И он опять, который раз за эту зиму, почувствовал себя несчастным от своего бессилия, от того, что ничем не может помочь "скопищам" своих соотечественников, которые сейчас, быть может, умирают за свободу чужой страны.

Глава четвертая

В Уральск Сераковский въехал под вечер в начале сентября 1849 года. На этот раз ему не приставили конвоира, как тогда, когда он впервые проезжал через этот городок, направляясь в Новопетровское укрепление. В кармане лежал подписанный генералом Обручевым приказ о переводе в первый батальон Оренбургского отдельного корпуса, расположенный в Уральске, и рекомендательное письмо майора Михайлина тамошнему батальонному командиру.

Город встретил Сераковского разноголосым церковным благовестом. Еще летом прошлого года Зыгмунта удивило обилие всевозможных храмов в этом небольшом городке.

При патриархе Никоне сюда, на край земли, устремились, спасаясь от религиозных преследований, беглые крепостные крестьяне, с которыми потом был тесно связан Емельян Пугачев. В окрестностях Уральска, в ту пору называвшегося Яицким городком, и началась крестьянская освободительная война, о которой хорошо помнили здесь и теперь, три четверти века спустя.

По сравнению с Новопетровском Уральск выглядел огромным городом. Его прямые, упиравшиеся в Урал и Чаган улицы были необычайно широки и покрыты таким толстым слоем пыли, что стоило проскакать казацкой лошади или пройти казахскому верблюду, как надолго становились невидимыми, погружались в душное непроницаемое облако и одноэтажные домики, и заборы из толстых досок, и сидящие на лавочках жители.

Сераковский приехал сюда в компании двух пожилых солдат, они сразу же пошли в казармы, а он нарочно задержался, чтобы немного побродить одному.

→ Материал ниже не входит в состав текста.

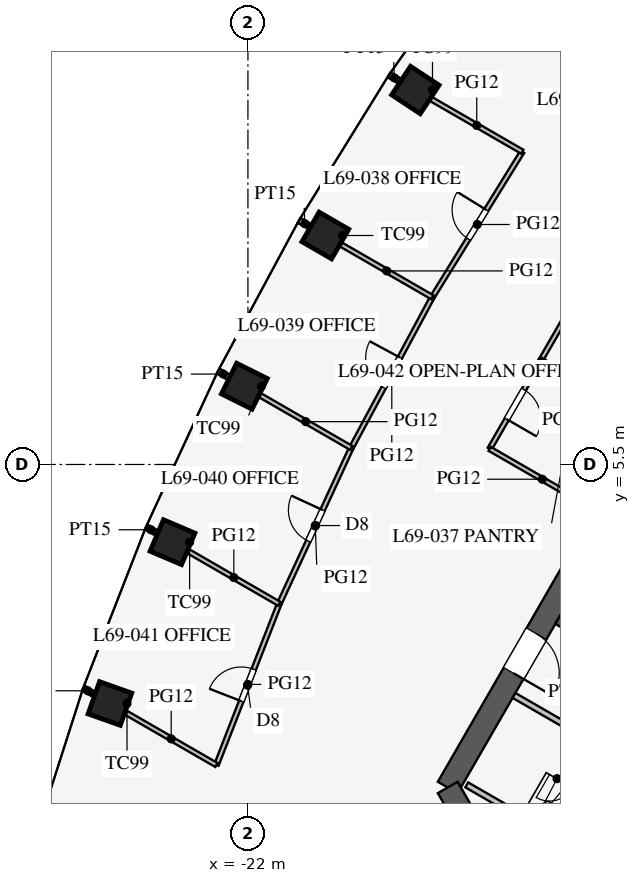
"""IFC4 building model, lengths in metres.
Left out: names, types, materials, properties, quantities, classifications, styles, units other than length and angle.
Written with IfcOpenShell. Run it as: python <this file> out.ifc"""

import sys

from ifc_helpers import new_model, si_unit, direction, frame, frame_2d, origin, origin_2d, place, context, subcontext, project, spatial, rectangle, extrude, element, fill, save


model = new_model("IFC4")
c1 = context("Model", 3, precision=1e-05, world=origin(), true_north=direction((0.0, 1.0)))
c2 = subcontext(c1, "Body", "Model", "MODEL_VIEW")
j1 = project(units=[si_unit("LENGTHUNIT", "METRE"), si_unit("PLANEANGLEUNIT", "RADIAN")], contexts=[c1])
p1 = place(None, origin())
s1 = spatial("IfcSite", under=j1, at=p1, CompositionType="ELEMENT")
p2 = place(p1, origin())
s2 = spatial("IfcBuilding", under=s1, at=p2, CompositionType="ELEMENT")
p3 = place(p2, frame((0.0, 0.0, 301.5)))
s3 = spatial("IfcBuildingStorey", under=s2, at=p3, CompositionType="ELEMENT", Elevation=301.5)
for number, where, z_axis, x_axis in (
    (1, (-17.594, 15.354, 0.0), (0.0, 0.0, 1.0), (-0.552, -0.834, 0.0)),
    (2, (-19.963, 11.526, 0.0), (0.0, 0.0, 1.0), (-0.5, -0.866, 0.0)),
    (3, (-22.094, 7.56, 0.0), (0.0, 0.0, 1.0), (-0.447, -0.895, 0.0)),
    (4, (-23.985, 3.455, 0.0), (0.0, 0.0, 1.0), (-0.391, -0.92, 0.0)),
    (5, (-25.632, -0.79, 0.0), (0.0, 0.0, 1.0), (-0.334, -0.942, 0.0)),
):
    element("IfcColumn", number, at=place(p3, frame(where, z_axis=z_axis, x_axis=x_axis)), inside=s3, PredefinedType="COLUMN", context=c2, shape_type="SweptSolid", body=[
        extrude(rectangle(XDim=0.9, YDim=0.9, at=origin_2d()), origin(), (0.0, 0.0, 1.0), 4.2),
    ])
p4 = place(p3, frame((-5.773, 16.0, 0.0), z_axis=(0.0, 0.0, 1.0), x_axis=(-0.500002442456, -0.866023993627, 0.0)))
e6 = element("IfcWall", 6, at=p4, inside=s3, PredefinedType="SHEAR", context=c2, shape_type="SweptSolid", body=[
    extrude(rectangle(XDim=21.939, YDim=0.6, at=frame_2d((10.97, 0.0))), origin(), (0.0, 0.0, 1.0), 4.2),
])
p5 = place(p4, frame((17.27, 0.0, 0.0)))
e7 = element("IfcOpeningElement", 7, at=p5, cuts=e6, PredefinedType="OPENING", context=c2, shape_type="SweptSolid", body=[
    extrude(rectangle(XDim=1.2, YDim=2.1, at=frame_2d((0.6, 1.05))), frame((0.0, 0.31, 0.0), z_axis=(0.0, -1.0, 0.0), x_axis=(1.0, 0.0, 0.0)), (0.0, 0.0, 1.0), 0.62),
])
p6 = place(p4, frame((3.47, 0.0, 0.0)))
e8 = element("IfcOpeningElement", 8, at=p6, cuts=e6, PredefinedType="OPENING", context=c2, shape_type="SweptSolid", body=[
    extrude(rectangle(XDim=1.2, YDim=2.1, at=frame_2d((0.6, 1.05))), frame((0.0, 0.31, 0.0), z_axis=(0.0, -1.0, 0.0), x_axis=(1.0, 0.0, 0.0)), (0.0, 0.0, 1.0), 0.62),
])
p7 = place(p3, frame((-16.743, -3.0, 0.0), z_axis=(0.0, 0.0, 1.0), x_axis=(0.499995765644, -0.866027848477, 0.0)))
e9 = element("IfcWall", 9, at=p7, inside=s3, PredefinedType="SHEAR", context=c2, shape_type="SweptSolid", body=[
    extrude(rectangle(XDim=11.547, YDim=0.6, at=frame_2d((5.773, 0.0))), origin(), (0.0, 0.0, 1.0), 4.2),
])
p8 = place(p3, frame((-11.532, 0.076, 0.0), z_axis=(0.0, 0.0, 1.0), x_axis=(-0.86604424267, 0.499967368674, 0.0)))
e10 = element("IfcWall", 10, at=p8, inside=s3, PredefinedType="SHEAR", context=c2, shape_type="SweptSolid", body=[
    extrude(rectangle(XDim=2.675, YDim=0.25, at=frame_2d((1.337, 0.0))), origin(), (0.0, 0.0, 1.0), 4.2),
])
p9 = place(p3, frame((-6.663, -1.509, 0.0), z_axis=(0.0, 0.0, 1.0), x_axis=(-0.86603049496, -0.499991181721, 0.0)))
e11 = element("IfcWall", 11, at=p9, inside=s3, PredefinedType="SHEAR", context=c2, shape_type="SweptSolid", body=[
    extrude(rectangle(XDim=9.175, YDim=0.6, at=frame_2d((4.587, 0.0))), origin(), (0.0, 0.0, 1.0), 4.2),
])
p10 = place(p3, frame((-10.495, -3.178, 0.0), z_axis=(0.0, 0.0, 1.0), x_axis=(-0.866021400173, 0.500006934395, 0.0)))
e12 = element("IfcWall", 12, at=p10, inside=s3, PredefinedType="PARTITIONING", context=c2, shape_type="SweptSolid", body=[
    extrude(rectangle(XDim=5.2, YDim=0.15, at=frame_2d((2.6, 0.0))), origin(), (0.0, 0.0, 1.0), 4.0),
])
p11 = place(p10, frame((1.3, 0.0, 0.0)))
e13 = element("IfcOpeningElement", 13, at=p11, cuts=e12, PredefinedType="OPENING", context=c2, shape_type="SweptSolid", body=[
    extrude(rectangle(XDim=0.9, YDim=2.1, at=frame_2d((0.45, 1.05))), frame((0.0, 0.085, 0.0), z_axis=(0.0, -1.0, 0.0), x_axis=(1.0, 0.0, 0.0)), (0.0, 0.0, 1.0), 0.17),
])
p12 = place(p3, frame((-12.691, -4.982, 0.0), z_axis=(0.0, 0.0, 1.0), x_axis=(-0.8660249478, 0.500000789788, 0.0)))
e14 = element("IfcWall", 14, at=p12, inside=s3, PredefinedType="PARTITIONING", context=c2, shape_type="SweptSolid", body=[
    extrude(rectangle(XDim=4.1, YDim=0.15, at=frame_2d((2.05, 0.0))), origin(), (0.0, 0.0, 1.0), 4.0),
])
p13 = place(p3, frame((-14.289, 8.25, 0.0), z_axis=(0.0, 0.0, 1.0), x_axis=(-0.50000943426, -0.866019956843, 0.0)))
e15 = element("IfcWall", 15, at=p13, inside=s3, PredefinedType="PARTITIONING", context=c2, shape_type="SweptSolid", body=[
    extrude(rectangle(XDim=2.7, YDim=0.12, at=frame_2d((1.35, 0.0))), origin(), (0.0, 0.0, 1.0), 2.9),
])
p14 = place(p13, frame((0.9, 0.0, 0.15)))
e16 = element("IfcOpeningElement", 16, at=p14, cuts=e15, PredefinedType="OPENING", context=c2, shape_type="SweptSolid", body=[
    extrude(rectangle(XDim=0.9, YDim=2.1, at=frame_2d((0.45, 1.05))), frame((0.0, 0.07, 0.0), z_axis=(0.0, -1.0, 0.0), x_axis=(1.0, 0.0, 0.0)), (0.0, 0.0, 1.0), 0.14),
])
p15 = place(p3, frame((-11.49, 13.1, 0.0), z_axis=(0.0, 0.0, 1.0), x_axis=(-0.499965239061, -0.866045472092, 0.0)))
e17 = element("IfcWall", 17, at=p15, inside=s3, PredefinedType="PARTITIONING", context=c2, shape_type="SweptSolid", body=[
    extrude(rectangle(XDim=5.6, YDim=0.12, at=frame_2d((2.8, 0.0))), origin(), (0.0, 0.0, 1.0), 2.9),
])
p16 = place(p15, frame((2.3, 0.0, 0.15)))
e18 = element("IfcOpeningElement", 18, at=p16, cuts=e17, PredefinedType="OPENING", context=c2, shape_type="SweptSolid", body=[
    extrude(rectangle(XDim=1.0, YDim=2.1, at=frame_2d((0.5, 1.05))), frame((0.0, 0.07, 0.0), z_axis=(0.0, -1.0, 0.0), x_axis=(1.0, 0.0, 0.0)), (0.0, 0.0, 1.0), 0.14),
])
for number, where, z_axis, x_axis in (
    (19, (-12.868, 4.312, 0.0), (0.0, 0.0, 1.0), (-0.866, 0.5, 0.0)),
    (20, (-11.518, 6.65, 0.0), (0.0, 0.0, 1.0), (-0.866, 0.5, 0.0)),
):
    element("IfcWall", number, at=place(p3, frame(where, z_axis=z_axis, x_axis=x_axis)), inside=s3, PredefinedType="PARTITIONING", context=c2, shape_type="SweptSolid", body=[
        extrude(rectangle(XDim=3.2, YDim=0.12, at=frame_2d((1.6, 0.0))), origin(), (0.0, 0.0, 1.0), 2.9),
    ])
p17 = place(p3, frame((-20.356, 11.753, 0.0), z_axis=(0.0, 0.0, 1.0), x_axis=(-0.865899514186, 0.500217983815, 0.0)))
e21 = element("IfcWall", 21, at=p17, inside=s3, PredefinedType="PARTITIONING", context=c2, shape_type="SweptSolid", body=[
    extrude(rectangle(XDim=0.341, YDim=0.15, at=frame_2d((0.17, 0.0))), origin(), (0.0, 0.0, 1.0), 2.9),
])
p18 = place(p3, frame((-26.089, -0.526, 0.0), z_axis=(0.0, 0.0, 1.0), x_axis=(-0.865982457891, 0.500074377092, 0.0)))
e22 = element("IfcWall", 22, at=p18, inside=s3, PredefinedType="PARTITIONING", context=c2, shape_type="SweptSolid", body=[
    extrude(rectangle(XDim=0.28, YDim=0.15, at=frame_2d((0.14, 0.0))), origin(), (0.0, 0.0, 1.0), 2.9),
])
p19 = place(p3, frame((-22.51, 7.8, 0.0), z_axis=(0.0, 0.0, 1.0), x_axis=(-0.866095534226, 0.499878510834, 0.0)))
e23 = element("IfcWall", 23, at=p19, inside=s3, PredefinedType="PARTITIONING", context=c2, shape_type="SweptSolid", body=[
    extrude(rectangle(XDim=0.316, YDim=0.15, at=frame_2d((0.158, 0.0))), origin(), (0.0, 0.0, 1.0), 2.9),
])
p20 = place(p3, frame((-24.422, 3.708, 0.0), z_axis=(0.0, 0.0, 1.0), x_axis=(-0.866254317358, 0.499603300288, 0.0)))
e24 = element("IfcWall", 24, at=p20, inside=s3, PredefinedType="PARTITIONING", context=c2, shape_type="SweptSolid", body=[
    extrude(rectangle(XDim=0.296, YDim=0.15, at=frame_2d((0.148, 0.0))), origin(), (0.0, 0.0, 1.0), 2.9),
])
p21 = place(p3, frame((-18.01, 15.594, 0.0), z_axis=(0.0, 0.0, 1.0), x_axis=(-0.866095534226, 0.499878510834, 0.0)))
e25 = element("IfcWall", 25, at=p21, inside=s3, PredefinedType="PARTITIONING", context=c2, shape_type="SweptSolid", body=[
    extrude(rectangle(XDim=0.316, YDim=0.15, at=frame_2d((0.158, 0.0))), origin(), (0.0, 0.0, 1.0), 2.9),
])
p22 = place(p3, frame((-17.149, 9.901, 0.0), z_axis=(0.0, 0.0, 1.0), x_axis=(-0.473566170147, -0.880758242932, 0.0)))
e26 = element("IfcWall", 26, at=p22, inside=s3, PredefinedType="PARTITIONING", context=c2, shape_type="SweptSolid", body=[
    extrude(rectangle(XDim=4.502, YDim=0.12, at=frame_2d((2.251, 0.0))), origin(), (0.0, 0.0, 1.0), 2.9),
])
p23 = place(p22, frame((1.8, 0.0, 0.15)))
e27 = element("IfcOpeningElement", 27, at=p23, cuts=e26, PredefinedType="OPENING", context=c2, shape_type="SweptSolid", body=[
    extrude(rectangle(XDim=0.9, YDim=2.1, at=frame_2d((0.45, 1.05))), frame((0.0, 0.07, 0.0), z_axis=(0.0, -1.0, 0.0), x_axis=(1.0, 0.0, 0.0)), (0.0, 0.0, 1.0), 0.14),
])
p24 = place(p3, frame((-19.281, 5.936, 0.0), z_axis=(0.0, 0.0, 1.0), x_axis=(-0.419270595022, -0.907861315483, 0.0)))
e28 = element("IfcWall", 28, at=p24, inside=s3, PredefinedType="PARTITIONING", context=c2, shape_type="SweptSolid", body=[
    extrude(rectangle(XDim=4.519, YDim=0.12, at=frame_2d((2.259, 0.0))), origin(), (0.0, 0.0, 1.0), 2.9),
])
p25 = place(p24, frame((1.8, 0.0, 0.15)))
e29 = element("IfcOpeningElement", 29, at=p25, cuts=e28, PredefinedType="OPENING", context=c2, shape_type="SweptSolid", body=[
    extrude(rectangle(XDim=0.9, YDim=2.1, at=frame_2d((0.45, 1.05))), frame((0.0, 0.07, 0.0), z_axis=(0.0, -1.0, 0.0), x_axis=(1.0, 0.0, 0.0)), (0.0, 0.0, 1.0), 0.14),
])
p26 = place(p3, frame((-21.175, 1.833, 0.0), z_axis=(0.0, 0.0, 1.0), x_axis=(-0.363230297573, -0.931699388711, 0.0)))
e30 = element("IfcWall", 30, at=p26, inside=s3, PredefinedType="PARTITIONING", context=c2, shape_type="SweptSolid", body=[
    extrude(rectangle(XDim=4.552, YDim=0.12, at=frame_2d((2.276, 0.0))), origin(), (0.0, 0.0, 1.0), 2.9),
])
p27 = place(p26, frame((1.85, 0.0, 0.15)))
e31 = element("IfcOpeningElement", 31, at=p27, cuts=e30, PredefinedType="OPENING", context=c2, shape_type="SweptSolid", body=[
    extrude(rectangle(XDim=0.9, YDim=2.1, at=frame_2d((0.45, 1.05))), frame((0.0, 0.07, 0.0), z_axis=(0.0, -1.0, 0.0), x_axis=(1.0, 0.0, 0.0)), (0.0, 0.0, 1.0), 0.14),
])
p28 = place(p3, frame((-14.781, 13.73, 0.0), z_axis=(0.0, 0.0, 1.0), x_axis=(-0.525981173851, -0.850496210899, 0.0)))
e32 = element("IfcWall", 32, at=p28, inside=s3, PredefinedType="PARTITIONING", context=c2, shape_type="SweptSolid", body=[
    extrude(rectangle(XDim=4.502, YDim=0.12, at=frame_2d((2.251, 0.0))), origin(), (0.0, 0.0, 1.0), 2.9),
])
p29 = place(p28, frame((1.8, 0.0, 0.15)))
e33 = element("IfcOpeningElement", 33, at=p29, cuts=e32, PredefinedType="OPENING", context=c2, shape_type="SweptSolid", body=[
    extrude(rectangle(XDim=0.9, YDim=2.1, at=frame_2d((0.45, 1.05))), frame((0.0, 0.07, 0.0), z_axis=(0.0, -1.0, 0.0), x_axis=(1.0, 0.0, 0.0)), (0.0, 0.0, 1.0), 0.14),
])
p30 = place(p3, frame((-17.149, 9.901, 0.0), z_axis=(0.0, 0.0, 1.0), x_axis=(-0.866027073272, 0.499997108352, 0.0)))
e34 = element("IfcWall", 34, at=p30, inside=s3, PredefinedType="PARTITIONING", context=c2, shape_type="SweptSolid", body=[
    extrude(rectangle(XDim=2.77, YDim=0.12, at=frame_2d((1.385, 0.0))), origin(), (0.0, 0.0, 1.0), 2.9),
])
p31 = place(p3, frame((-22.829, -2.408, 0.0), z_axis=(0.0, 0.0, 1.0), x_axis=(-0.866031754707, 0.499988999718, 0.0)))
e35 = element("IfcWall", 35, at=p31, inside=s3, PredefinedType="PARTITIONING", context=c2, shape_type="SweptSolid", body=[
    extrude(rectangle(XDim=2.749, YDim=0.12, at=frame_2d((1.374, 0.0))), origin(), (0.0, 0.0, 1.0), 2.9),
])
p32 = place(p3, frame((-19.281, 5.936, 0.0), z_axis=(0.0, 0.0, 1.0), x_axis=(-0.866019581949, 0.500010083578, 0.0)))
e36 = element("IfcWall", 36, at=p32, inside=s3, PredefinedType="PARTITIONING", context=c2, shape_type="SweptSolid", body=[
    extrude(rectangle(XDim=2.768, YDim=0.12, at=frame_2d((1.384, 0.0))), origin(), (0.0, 0.0, 1.0), 2.9),
])
p33 = place(p3, frame((-21.175, 1.833, 0.0), z_axis=(0.0, 0.0, 1.0), x_axis=(-0.86602506628, 0.500000584575, 0.0)))
e37 = element("IfcWall", 37, at=p33, inside=s3, PredefinedType="PARTITIONING", context=c2, shape_type="SweptSolid", body=[
    extrude(rectangle(XDim=2.761, YDim=0.12, at=frame_2d((1.38, 0.0))), origin(), (0.0, 0.0, 1.0), 2.9),
])
p34 = place(p3, frame((-14.781, 13.73, 0.0), z_axis=(0.0, 0.0, 1.0), x_axis=(-0.866019581949, 0.500010083578, 0.0)))
e38 = element("IfcWall", 38, at=p34, inside=s3, PredefinedType="PARTITIONING", context=c2, shape_type="SweptSolid", body=[
    extrude(rectangle(XDim=2.768, YDim=0.12, at=frame_2d((1.384, 0.0))), origin(), (0.0, 0.0, 1.0), 2.9),
])
p35 = place(p5, origin())
e39 = element("IfcDoor", 39, at=p35, inside=s3, OperationType="SINGLE_SWING_RIGHT", PredefinedType="DOOR", context=c2, shape_type="SweptSolid", body=[
    extrude(rectangle(XDim=1.2, YDim=2.1, at=frame_2d((0.6, 1.05))), frame((0.0, 0.025, 0.0), z_axis=(0.0, -1.0, 0.0), x_axis=(1.0, 0.0, 0.0)), (0.0, 0.0, 1.0), 0.05),
])
fill(e7, e39)
p36 = place(p14, origin())
e40 = element("IfcDoor", 40, at=p36, inside=s3, OperationType="SINGLE_SWING_RIGHT", PredefinedType="DOOR", context=c2, shape_type="SweptSolid", body=[
    extrude(rectangle(XDim=0.9, YDim=2.1, at=frame_2d((0.45, 1.05))), frame((0.0, 0.025, 0.0), z_axis=(0.0, -1.0, 0.0), x_axis=(1.0, 0.0, 0.0)), (0.0, 0.0, 1.0), 0.05),
])
fill(e16, e40)
p37 = place(p29, frame((0.9, 0.0, 0.0), z_axis=(0.0, 0.0, 1.0), x_axis=(-1.0, 0.0, 0.0)))
e41 = element("IfcDoor", 41, at=p37, inside=s3, OperationType="SINGLE_SWING_RIGHT", PredefinedType="DOOR", context=c2, shape_type="SweptSolid", body=[
    extrude(rectangle(XDim=0.9, YDim=2.1, at=frame_2d((0.45, 1.05))), frame((0.0, 0.025, 0.0), z_axis=(0.0, -1.0, 0.0), x_axis=(1.0, 0.0, 0.0)), (0.0, 0.0, 1.0), 0.05),
])
fill(e33, e41)
p38 = place(p23, frame((0.9, 0.0, 0.0), z_axis=(0.0, 0.0, 1.0), x_axis=(-1.0, 0.0, 0.0)))
e42 = element("IfcDoor", 42, at=p38, inside=s3, OperationType="SINGLE_SWING_RIGHT", PredefinedType="DOOR", context=c2, shape_type="SweptSolid", body=[
    extrude(rectangle(XDim=0.9, YDim=2.1, at=frame_2d((0.45, 1.05))), frame((0.0, 0.025, 0.0), z_axis=(0.0, -1.0, 0.0), x_axis=(1.0, 0.0, 0.0)), (0.0, 0.0, 1.0), 0.05),
])
fill(e27, e42)
p39 = place(p25, frame((0.9, 0.0, 0.0), z_axis=(0.0, 0.0, 1.0), x_axis=(-1.0, 0.0, 0.0)))
e43 = element("IfcDoor", 43, at=p39, inside=s3, OperationType="SINGLE_SWING_RIGHT", PredefinedType="DOOR", context=c2, shape_type="SweptSolid", body=[
    extrude(rectangle(XDim=0.9, YDim=2.1, at=frame_2d((0.45, 1.05))), frame((0.0, 0.025, 0.0), z_axis=(0.0, -1.0, 0.0), x_axis=(1.0, 0.0, 0.0)), (0.0, 0.0, 1.0), 0.05),
])
fill(e29, e43)
p40 = place(p27, frame((0.9, 0.0, 0.0), z_axis=(0.0, 0.0, 1.0), x_axis=(-1.0, 0.0, 0.0)))
e44 = element("IfcDoor", 44, at=p40, inside=s3, OperationType="SINGLE_SWING_LEFT", PredefinedType="DOOR", context=c2, shape_type="SweptSolid", body=[
    extrude(rectangle(XDim=0.9, YDim=2.1, at=frame_2d((0.45, 1.05))), frame((0.0, 0.025, 0.0), z_axis=(0.0, -1.0, 0.0), x_axis=(1.0, 0.0, 0.0)), (0.0, 0.0, 1.0), 0.05),
])
fill(e31, e44)
save(model, sys.argv[1])

Почти всюду к городу подступали густые нетронутые леса, и лишь со стороны Чагана он был открыт степи. Были и сады, особенно на окраине. Тут стояли белые глинобитные хаты с плоскими крышами, на которых в душные ночи спали хозяева, поставив полога от комаров и тарантулов. В центре города дома были бревенчатые, добротные, и среди них один – на два этажа, с огромными, вровень с крышей, воротами, знаменитый тем, что принадлежал некогда Емельяну Пугачеву.

В конце концов Сераковский устал, проголодался да и запутался в незнакомом городе. Народу на улицах было уже немного. Мужчины – и иноверцы, и русские – одинаково носили легкие полосатые халаты, казачки же были одеты особо – в безрукавные шелковые сарафаны до пят, стянутые у талии широким поясом, в легкие душегрейки из атласа, а на голове у них красовались сороки, убранные дешевыми камешками.

– Скажи, пожалуйста, как мне до казармы дойти? – спросил Сераковский у одной из казачек.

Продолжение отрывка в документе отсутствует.